Taking Your PhD out from Under the Bed

Image: Kristina Flour

Tuesday 28th November, 2017

I signed up to the Sociological Review’s Writing Retreat early in 2017 in a desperate bid to write up some papers from my PhD that I had hidden, figuratively and literally, under the bed. I had been gripped with an anxiety during my PhD that spilled out from imposter syndrome in the early years into something more widespread during the final stages before submission. During this time I struggled socially and physically, as well as mentally. I withdrew from friends and family, asking them not to ask or talk to me about work, and ached with chest pains that felt like a belt being slowly tightened around my chest. These experiences eased slightly following the completion of the PhD but haunted me when revisiting the work, paralysing any writing. I rationalised this paralysis as a product of post-doctoral life that comes with juggling fixed-term research contract work and jumped at the chance to attend the writing retreat.

The anxiety creeped up again as I pulled together materials to bring along a few days before going to the retreat. It was made worse by googling my fellow retreat attendees and reading their impressive achievements. Upon meeting the group outside Glasgow Central for our bus trip to the venue, there was a sense of relief as initial discussions centred on travelling and our bus driver’s love of Paolo Nutini. Arriving at the retreat itself the facilitator, Rowena, talked us through the plan for the retreat and set out a number of recommendations. The most important of these was about sharing goals with each other and focusing on the task of writing rather than the content.  At the beginning and end of every writing session we shared our plans in rough terms; words, paragraphs, sections. There was no need to share theory, methods, or findings unless we wanted to. This approach spilled over into our downtime; we talked about travel, self-care within academia, television, and politics. This meant that, unlike most conferences and workshops I have attended, meal times and breaks were a respite from work that left me refreshed when going back to the desk to continue writing.  

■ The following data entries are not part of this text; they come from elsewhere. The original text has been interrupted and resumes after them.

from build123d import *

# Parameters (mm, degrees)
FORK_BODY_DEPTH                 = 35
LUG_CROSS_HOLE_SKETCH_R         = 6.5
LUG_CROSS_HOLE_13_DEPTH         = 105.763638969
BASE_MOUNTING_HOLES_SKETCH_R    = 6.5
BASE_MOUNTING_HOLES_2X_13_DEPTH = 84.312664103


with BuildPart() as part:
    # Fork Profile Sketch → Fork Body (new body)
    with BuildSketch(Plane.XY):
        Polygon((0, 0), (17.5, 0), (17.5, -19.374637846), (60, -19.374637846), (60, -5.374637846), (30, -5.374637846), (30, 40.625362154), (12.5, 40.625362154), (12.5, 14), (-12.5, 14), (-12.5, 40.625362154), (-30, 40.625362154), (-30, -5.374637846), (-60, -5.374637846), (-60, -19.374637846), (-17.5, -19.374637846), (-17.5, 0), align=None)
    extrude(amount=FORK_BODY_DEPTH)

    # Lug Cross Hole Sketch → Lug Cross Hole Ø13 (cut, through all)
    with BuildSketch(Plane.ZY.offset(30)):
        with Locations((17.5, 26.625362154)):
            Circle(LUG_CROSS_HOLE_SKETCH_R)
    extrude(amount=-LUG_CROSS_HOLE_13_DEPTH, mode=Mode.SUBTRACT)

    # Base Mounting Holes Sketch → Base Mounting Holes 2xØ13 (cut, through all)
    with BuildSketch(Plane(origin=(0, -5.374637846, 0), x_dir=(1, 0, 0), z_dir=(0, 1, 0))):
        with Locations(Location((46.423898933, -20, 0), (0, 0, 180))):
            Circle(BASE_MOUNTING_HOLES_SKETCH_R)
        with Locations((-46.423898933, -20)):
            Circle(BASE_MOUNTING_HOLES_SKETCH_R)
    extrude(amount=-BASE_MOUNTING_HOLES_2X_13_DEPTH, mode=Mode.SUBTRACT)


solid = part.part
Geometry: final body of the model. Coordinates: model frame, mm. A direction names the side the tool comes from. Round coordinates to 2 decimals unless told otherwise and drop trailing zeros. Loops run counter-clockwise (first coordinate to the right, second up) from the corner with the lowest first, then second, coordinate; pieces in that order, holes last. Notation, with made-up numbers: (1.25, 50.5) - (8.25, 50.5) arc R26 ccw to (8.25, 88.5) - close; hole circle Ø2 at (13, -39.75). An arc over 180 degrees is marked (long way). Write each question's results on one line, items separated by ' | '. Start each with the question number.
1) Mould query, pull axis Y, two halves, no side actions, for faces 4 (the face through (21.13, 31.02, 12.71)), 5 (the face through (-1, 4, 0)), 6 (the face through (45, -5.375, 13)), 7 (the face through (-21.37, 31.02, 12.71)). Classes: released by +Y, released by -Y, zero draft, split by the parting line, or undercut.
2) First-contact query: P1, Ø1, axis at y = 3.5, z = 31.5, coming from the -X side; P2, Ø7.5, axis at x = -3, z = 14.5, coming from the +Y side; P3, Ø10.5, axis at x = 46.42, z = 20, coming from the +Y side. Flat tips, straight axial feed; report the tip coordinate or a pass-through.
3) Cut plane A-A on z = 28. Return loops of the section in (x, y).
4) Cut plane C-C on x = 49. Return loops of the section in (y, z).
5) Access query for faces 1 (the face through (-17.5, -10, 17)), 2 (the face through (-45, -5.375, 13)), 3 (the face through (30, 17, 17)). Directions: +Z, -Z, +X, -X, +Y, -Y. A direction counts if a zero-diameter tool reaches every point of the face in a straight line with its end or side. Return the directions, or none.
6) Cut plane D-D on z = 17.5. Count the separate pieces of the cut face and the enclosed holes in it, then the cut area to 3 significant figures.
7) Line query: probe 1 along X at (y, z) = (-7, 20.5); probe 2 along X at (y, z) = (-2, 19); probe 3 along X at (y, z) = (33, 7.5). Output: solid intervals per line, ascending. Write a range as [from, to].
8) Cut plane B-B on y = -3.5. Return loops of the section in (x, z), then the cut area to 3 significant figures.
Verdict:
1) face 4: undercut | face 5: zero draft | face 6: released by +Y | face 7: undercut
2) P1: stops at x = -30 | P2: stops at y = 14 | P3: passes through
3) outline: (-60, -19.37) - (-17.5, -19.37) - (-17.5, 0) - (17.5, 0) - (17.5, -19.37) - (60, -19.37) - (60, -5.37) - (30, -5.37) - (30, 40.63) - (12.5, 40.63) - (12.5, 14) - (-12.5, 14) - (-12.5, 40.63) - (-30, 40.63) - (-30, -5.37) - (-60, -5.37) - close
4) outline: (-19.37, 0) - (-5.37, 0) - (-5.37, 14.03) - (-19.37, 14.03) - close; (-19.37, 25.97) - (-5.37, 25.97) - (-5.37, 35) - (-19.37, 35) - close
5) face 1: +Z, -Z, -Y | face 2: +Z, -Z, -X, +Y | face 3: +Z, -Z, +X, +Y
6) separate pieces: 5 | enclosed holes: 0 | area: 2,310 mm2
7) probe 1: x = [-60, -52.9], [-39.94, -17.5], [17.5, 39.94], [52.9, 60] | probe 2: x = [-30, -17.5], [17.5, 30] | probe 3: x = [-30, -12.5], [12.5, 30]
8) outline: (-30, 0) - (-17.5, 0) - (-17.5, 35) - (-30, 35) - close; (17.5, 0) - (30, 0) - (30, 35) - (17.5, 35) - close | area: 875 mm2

The writing itself was challenging, as I had anticipated, and in the longer writing slots I struggled when the paralysis slipped in. If I had been on my own this would have been the time I stepped away from the computer. I would have gone to make coffee or procrastinated online. In the retreat setting, however, surrounded by peers typing furiously at their desks and with no coffee or internet available, I was forced to sit with my discomfort. Remembering advice from the facilitator I decided just to write anything to get through the difficult bits. Rather than getting stuck, I just pushed through. The writing wasn’t great but it was something to work with. This was not a simple solution and I had to go through the process of being stuck and unstuck during most of the writing slots, but the result was that I made more progress in two days than I had in two years. At the end of each writing session I was buoyed by the progress rather than the usual dismay.  

Reflecting on the retreat itself, there was a number of other factors that contributed to the success of the experience. As well as the company and the organisation of the writing, we were looked after. Food and refreshments appeared every two hours, removing the emotional labour of having to think about and prepare meals and we were encouraged to walk and enjoy the beautiful location. Having spent hours writing productively, cake and walking were a reward that I enjoyed guilt free.

A colleague recently claimed that time was never the simple solution to writing, and to an extent they were right. The writing retreat was a success because it did not just offer time, it offered space. Space in which the experience of writing was shared with peers and, for me, space in which I could sit with discomfort and work through what I wanted to write. This was a space in polar opposition to the isolation I used as a protective strategy during my PhD and that is a common experience in academia. Writing in a group is a useful alternative that I would wholeheartedly recommend. It is also very time effective. Over the two and half days at the writing retreat we spent just 10 and a half hours actually writing. In that time I started and finished my paper. I submitted it a few days after returning home. Regardless of whether the paper is accepted or not, the feeling of success rather than fear is associated with this particular bit of writing. Now the PhD and anxiety is out from under the bed, who knows what might happen?

The author would like to thank the Sociological Review for the funding to attend the Writing Retreat 2017 and the fellow attendees for their support and encouragement. They preferred to remain anonymous when this reflection was published.